The Freedom From Religion Foundation is cautioning 17 governors around the nation that the exemptions they’ve granted to religious gatherings from prohibitory orders could have dire consequences.
States all over the country, from Connecticut and Pennsylvania to New Mexico and Colorado, have exempted religious congregations of various sizes from coronavirus-related crowd regulations. Of these, Michigan, New Mexico, Pennsylvania, South Carolina, West Virginia, Colorado, Georgia and Tennessee glaringly have no formal limits, while Connecticut is allowing congregations of fewer than 50 people, Oregon of fewer than 25 and Alabama, Indiana, Missouri and North Carolina of fewer than 10 individuals. FFRF has sent a letter to the governors of all these states. (Florida, Wisconsin and Kansas also have such exemptions, and FFRF has previously written to these governors.)
Religious gatherings are a severe community health hazard, FFRF emphasizes. The data doesn’t lie. One-third of all COVID cases in one large California county can be traced to church services. The numbers are even greater elsewhere. Reuters reports: “South Korea announced thousands of coronavirus cases in the space of only a few days in late February. The surge in cases centered mostly around one main cluster from a church in Daegu city.” Even small gatherings can be deadly. Health officials in Lee County, Ala., have informed the media that “church gatherings have been tied to a swell in new cases across the area, explaining that even groups smaller than 10 people can spread the coronavirus.”
The gubernatorial exemption directives are seriously flawed, FFRF contends, offering several reasons.
First, religious freedom does not require exempting churches from these orders, the organization insists.
“Americans have rights to worship and to assemble, but neither of those rights is unlimited and neither includes the right to risk other people’s lives,” FFRF Co-Presidents Dan Barker and Annie Laurie Gaylor write to more than a dozen governors.
States already regularly limit worship gatherings that jeopardize public health, FFRF points out. For instance, the government already imposed fire and other building codes on churches. Preventing large gatherings due to a pandemic is even more crucial. And prohibiting such assemblies is not a ban on worship any more than speed limits are a ban on driving. The short-term ban is guided by science: The more people who gather, the more viruses spread.

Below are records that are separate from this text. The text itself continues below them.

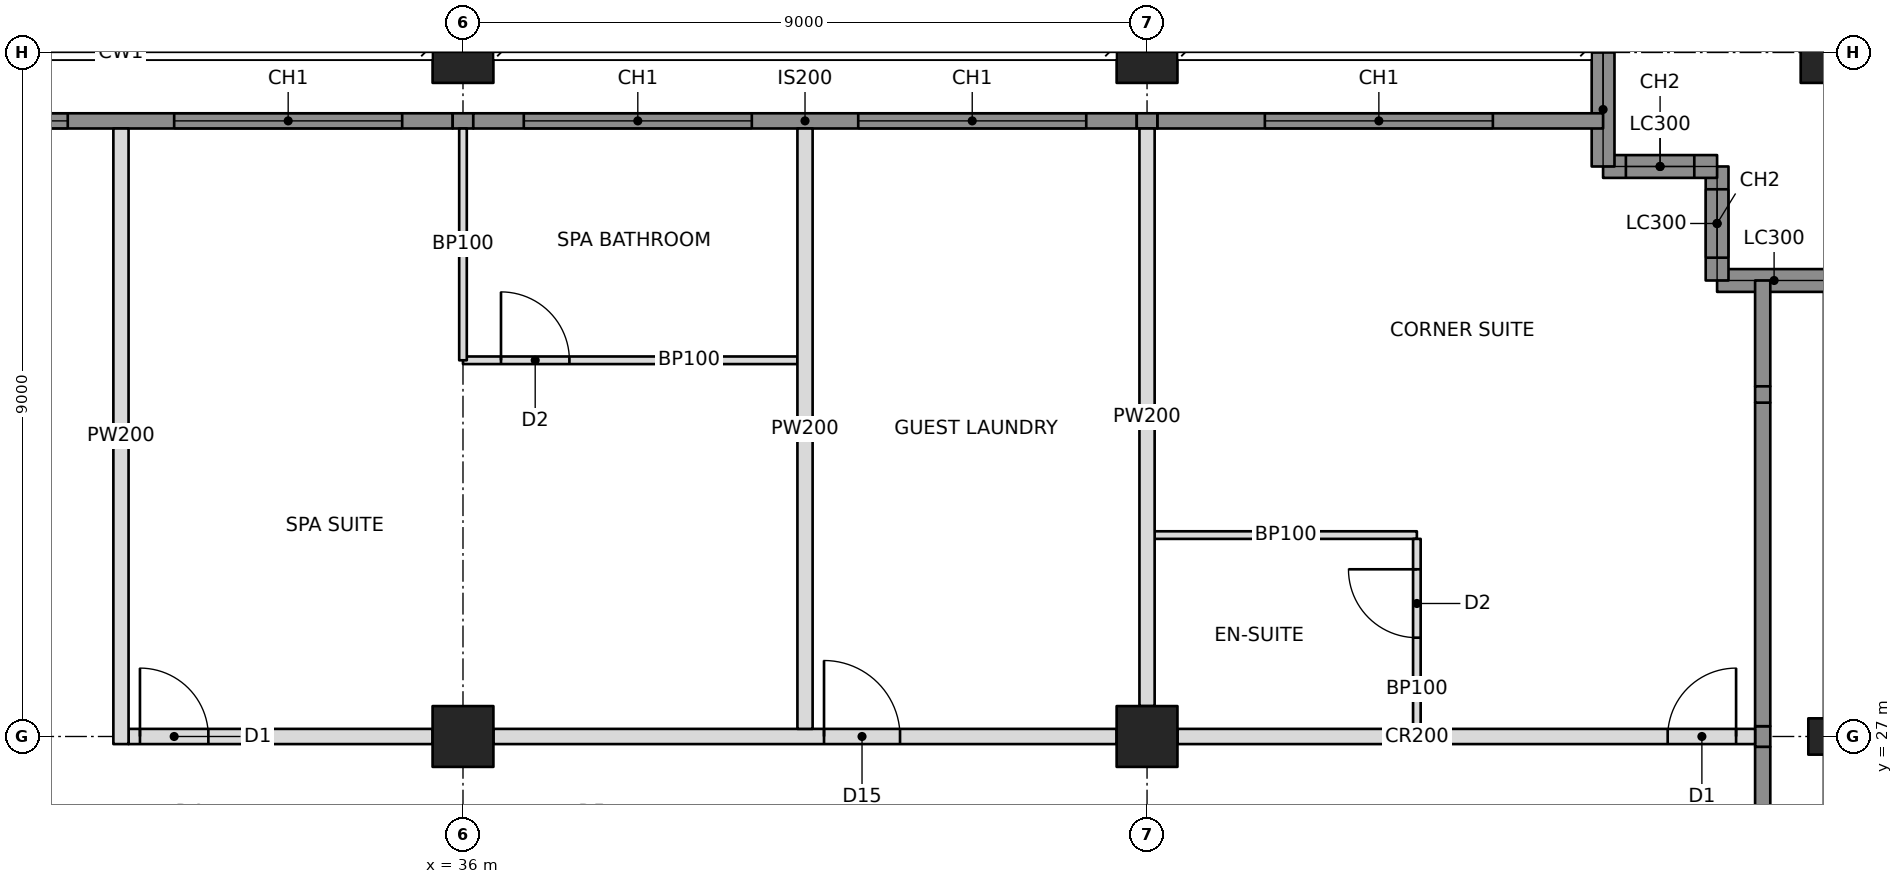
"""IFC4 building model, lengths in metres.
Left out: names, types, materials, properties, quantities, classifications, styles, units other than length and angle.
Written with IfcOpenShell. Run it as: python <this file> out.ifc"""

import sys

from ifc_helpers import new_model, si_unit, direction, frame, frame_2d, origin, origin_2d, place, context, subcontext, project, spatial, rectangle, hollow_rectangle, i_section, extrude, element, fill, save


model = new_model("IFC4")
c1 = context("Model", 3, precision=1e-05, world=origin(), true_north=direction((0.0, 1.0)))
c2 = subcontext(c1, "Body", "Model", "MODEL_VIEW")
j1 = project(units=[si_unit("LENGTHUNIT", "METRE"), si_unit("PLANEANGLEUNIT", "RADIAN")], contexts=[c1])
p1 = place(None, origin())
s1 = spatial("IfcSite", under=j1, at=p1, CompositionType="ELEMENT")
p2 = place(p1, origin())
s2 = spatial("IfcBuilding", under=s1, at=p2, CompositionType="ELEMENT")
p3 = place(p2, frame((0.0, 0.0, 51.8)))
s3 = spatial("IfcBuildingStorey", under=s2, at=p3, CompositionType="ELEMENT", Elevation=51.8)
for number, where, z_axis, x_axis in (
    (1, (36.0, 27.0, 0.0), (0.0, 0.0, 1.0), (1.0, 0.0, 0.0)),
    (2, (36.0, 36.0, 0.0), (0.0, 0.0, 1.0), (1.0, 0.0, 0.0)),
    (3, (45.0, 27.0, 0.0), (0.0, 0.0, 1.0), (0.0, 1.0, 0.0)),
    (4, (45.0, 36.0, 0.0), (0.0, 0.0, 1.0), (1.0, 0.0, 0.0)),
):
    element("IfcColumn", number, at=place(p3, frame(where, z_axis=z_axis, x_axis=x_axis)), inside=s3, PredefinedType="COLUMN", context=c2, shape_type="SweptSolid", body=[
        extrude(hollow_rectangle(XDim=0.8, YDim=0.8, WallThickness=0.1, at=origin_2d()), origin(), (0.0, 0.0, 1.0), 3.4),
    ])
p4 = place(p3, frame((54.0, 27.0, 0.0), z_axis=(0.0, 0.0, 1.0), x_axis=(0.0, 1.0, 0.0)))
e5 = element("IfcColumn", 5, at=p4, inside=s3, PredefinedType="COLUMN", context=c2, shape_type="SweptSolid", body=[
    extrude(i_section(OverallWidth=0.478, OverallDepth=0.599, WebThickness=0.1, FlangeThickness=0.14, at=origin_2d()), origin(), (0.0, 0.0, 1.0), 3.4),
])
p5 = place(p3, frame((54.0, 36.0, 0.0), z_axis=(0.0, 0.0, 1.0), x_axis=(1.0, 0.0, 0.0)))
e6 = element("IfcColumn", 6, at=p5, inside=s3, PredefinedType="COLUMN", context=c2, shape_type="SweptSolid", body=[
    extrude(hollow_rectangle(XDim=0.8, YDim=0.8, WallThickness=0.1, at=origin_2d()), origin(), (0.0, 0.0, 1.0), 3.4),
])
p6 = place(p3, frame((54.0, 33.0, 0.0), z_axis=(0.0, 0.0, 1.0), x_axis=(-1.0, 0.0, 0.0)))
e7 = element("IfcWall", 7, at=p6, inside=s3, PredefinedType="SOLIDWALL", context=c2, shape_type="SweptSolid", body=[
    extrude(rectangle(XDim=1.5, YDim=0.3, at=frame_2d((0.75, 0.0))), origin(), (0.0, 0.0, 1.0), 2.42),
])
p7 = place(p3, frame((52.5, 33.0, 0.0), z_axis=(0.0, 0.0, 1.0), x_axis=(0.0, 1.0, 0.0)))
e8 = element("IfcWall", 8, at=p7, inside=s3, PredefinedType="SOLIDWALL", context=c2, shape_type="SweptSolid", body=[
    extrude(rectangle(XDim=1.5, YDim=0.3, at=frame_2d((0.75, 0.0))), origin(), (0.0, 0.0, 1.0), 3.2),
])
p8 = place(p7, frame((0.3, 0.0, 0.6)))
e9 = element("IfcOpeningElement", 9, at=p8, cuts=e8, PredefinedType="OPENING", context=c2, shape_type="SweptSolid", body=[
    extrude(rectangle(XDim=0.9, YDim=2.2, at=frame_2d((0.45, 1.1))), frame((0.0, 0.16, 0.0), z_axis=(0.0, -1.0, 0.0), x_axis=(1.0, 0.0, 0.0)), (0.0, 0.0, 1.0), 0.32),
])
p9 = place(p3, frame((52.5, 34.5, 0.0), z_axis=(0.0, 0.0, 1.0), x_axis=(-1.0, 0.0, 0.0)))
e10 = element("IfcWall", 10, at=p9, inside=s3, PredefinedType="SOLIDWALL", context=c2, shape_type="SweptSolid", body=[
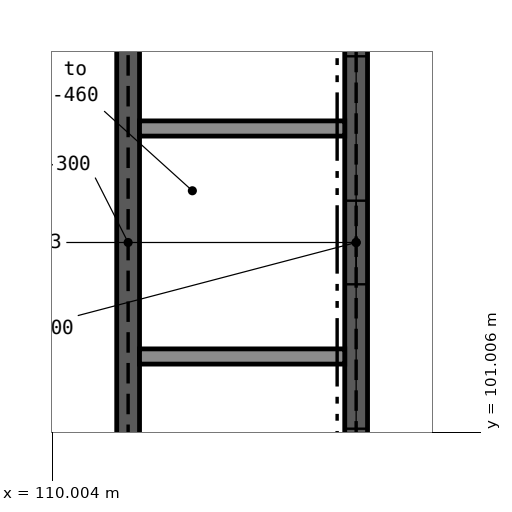
"""IFC4 building model, lengths in metres.
Left out: names, types, materials, properties, quantities, classifications, styles, units other than length and angle.
Written with IfcOpenShell. Run it as: python <this file> out.ifc"""

import sys

from ifc_helpers import new_model, si_unit, direction, frame, frame_2d, origin, place, context, subcontext, project, spatial, rectangle, extrude, element, fill, save


model = new_model("IFC4")
c1 = context("Model", 3, precision=1e-05, world=origin(), true_north=direction((0.0, 1.0)))
c2 = subcontext(c1, "Body", "Model", "MODEL_VIEW")
j1 = project(units=[si_unit("LENGTHUNIT", "METRE"), si_unit("PLANEANGLEUNIT", "RADIAN")], contexts=[c1])
p1 = place(None, origin())
s1 = spatial("IfcSite", under=j1, at=p1, CompositionType="ELEMENT")
p2 = place(p1, origin())
s2 = spatial("IfcBuilding", under=s1, at=p2, CompositionType="ELEMENT")
p3 = place(p2, frame((0.0, 0.0, 16.2)))
s3 = spatial("IfcBuildingStorey", under=s2, at=p3, CompositionType="ELEMENT", Elevation=16.2)
p4 = place(p3, frame((111.0, 99.15, 0.0), z_axis=(0.0, 0.0, 1.0), x_axis=(0.0, 1.0, 0.0)))
e1 = element("IfcWall", 1, at=p4, inside=s3, PredefinedType="SHEAR", context=c2, shape_type="SweptSolid", body=[
    extrude(rectangle(XDim=8.7, YDim=0.3, at=frame_2d((4.35, 0.0))), origin(), (0.0, 0.0, 1.0), 5.4),
])
p5 = place(p3, frame((114.0, 99.15, 0.0), z_axis=(0.0, 0.0, 1.0), x_axis=(0.0, 1.0, 0.0)))
e2 = element("IfcWall", 2, at=p5, inside=s3, PredefinedType="SHEAR", context=c2, shape_type="SweptSolid", body=[
    extrude(rectangle(XDim=8.7, YDim=0.3, at=frame_2d((4.35, 0.0))), origin(), (0.0, 0.0, 1.0), 5.4),
])
p6 = place(p5, frame((0.8, 0.0, 0.0)))
e3 = element("IfcOpeningElement", 3, at=p6, cuts=e2, PredefinedType="OPENING", context=c2, shape_type="SweptSolid", body=[
    extrude(rectangle(XDim=1.1, YDim=2.1, at=frame_2d((0.55, 1.05))), frame((0.0, 0.161, 0.0), z_axis=(0.0, -1.0, 0.0), x_axis=(1.0, 0.0, 0.0)), (0.0, 0.0, 1.0), 0.322),
])
p7 = place(p5, frame((3.8, 0.0, 0.0)))
e4 = element("IfcOpeningElement", 4, at=p7, cuts=e2, PredefinedType="OPENING", context=c2, shape_type="SweptSolid", body=[
    extrude(rectangle(XDim=1.1, YDim=2.1, at=frame_2d((0.55, 1.05))), frame((0.0, 0.161, 0.0), z_axis=(0.0, -1.0, 0.0), x_axis=(1.0, 0.0, 0.0)), (0.0, 0.0, 1.0), 0.322),
])
p8 = place(p5, frame((6.8, 0.0, 0.0)))
e5 = element("IfcOpeningElement", 5, at=p8, cuts=e2, PredefinedType="OPENING", context=c2, shape_type="SweptSolid", body=[
    extrude(rectangle(XDim=1.1, YDim=2.1, at=frame_2d((0.55, 1.05))), frame((0.0, 0.161, 0.0), z_axis=(0.0, -1.0, 0.0), x_axis=(1.0, 0.0, 0.0)), (0.0, 0.0, 1.0), 0.322),
])
for number, where, z_axis, x_axis in (
    (6, (111.15, 102.0, 0.0), (0.0, 0.0, 1.0), (1.0, 0.0, 0.0)),
    (7, (111.15, 105.0, 0.0), (0.0, 0.0, 1.0), (1.0, 0.0, 0.0)),
):
    element("IfcWall", number, at=place(p3, frame(where, z_axis=z_axis, x_axis=x_axis)), inside=s3, PredefinedType="SOLIDWALL", context=c2, shape_type="SweptSolid", body=[
        extrude(rectangle(XDim=2.7, YDim=0.2, at=frame_2d((1.35, 0.0))), origin(), (0.0, 0.0, 1.0), 5.4),
    ])
p9 = place(p6, origin())
e8 = element("IfcDoor", 8, at=p9, inside=s3, OperationType="DOUBLE_DOOR_SLIDING", PredefinedType="DOOR", context=c2, shape_type="SweptSolid", body=[
    extrude(rectangle(XDim=1.1, YDim=2.1, at=frame_2d((0.55, 1.05))), frame((0.0, 0.025, 0.0), z_axis=(0.0, -1.0, 0.0), x_axis=(1.0, 0.0, 0.0)), (0.0, 0.0, 1.0), 0.05),
])
fill(e3, e8)
p10 = place(p7, origin())
e9 = element("IfcDoor", 9, at=p10, inside=s3, OperationType="DOUBLE_DOOR_SLIDING", PredefinedType="DOOR", context=c2, shape_type="SweptSolid", body=[
    extrude(rectangle(XDim=1.1, YDim=2.1, at=frame_2d((0.55, 1.05))), frame((0.0, 0.025, 0.0), z_axis=(0.0, -1.0, 0.0), x_axis=(1.0, 0.0, 0.0)), (0.0, 0.0, 1.0), 0.05),
])
fill(e4, e9)
p11 = place(p8, origin())
e10 = element("IfcDoor", 10, at=p11, inside=s3, OperationType="DOUBLE_DOOR_SLIDING", PredefinedType="DOOR", context=c2, shape_type="SweptSolid", body=[
    extrude(rectangle(XDim=1.1, YDim=2.1, at=frame_2d((0.55, 1.05))), frame((0.0, 0.025, 0.0), z_axis=(0.0, -1.0, 0.0), x_axis=(1.0, 0.0, 0.0)), (0.0, 0.0, 1.0), 0.05),
])
fill(e5, e10)
save(model, sys.argv[1])

More than 100 years ago, the U.S. Supreme Court explained in a 7-2 opinion that society’s interest in stopping the spread of smallpox was greater than an individual’s religious rights, FFRF adds. And the court has reiterated this again and again.
Second, FFRF maintains, such exemptions unconstitutionally favor churches. Courts have long ruled that the Establishment Clause of the First Amendment bars the government from preferring one religion over another, or religion over nonreligion. The exemption for church services violates the First Amendment.
Third, such exemptions are immoral and deadly, FFRF avers. Clerics seeking exemption from social-distancing orders are not simply asking for a right to gather and worship, they are also asking for a right to threaten the lives of every other member of the community. These churches are also overburdening the health care system. Doctors are already working overtime and rationing beds and ventilators. Churches that hold services are contemptuously disregarding the efforts of these heroes.
It is hard to imagine a clearer need for prohibiting church services and gatherings than a highly infectious global pandemic. FFRF urges these governors to safeguard state citizens by revising the stay-at-home orders to remove unconstitutional and ill-advised exemptions for religious gatherings.
The Freedom From Religion Foundation is a national nonprofit organization with over 31,000 members across the country, including in every state. It works to protect the constitutional separation between state and church and educates about nontheism.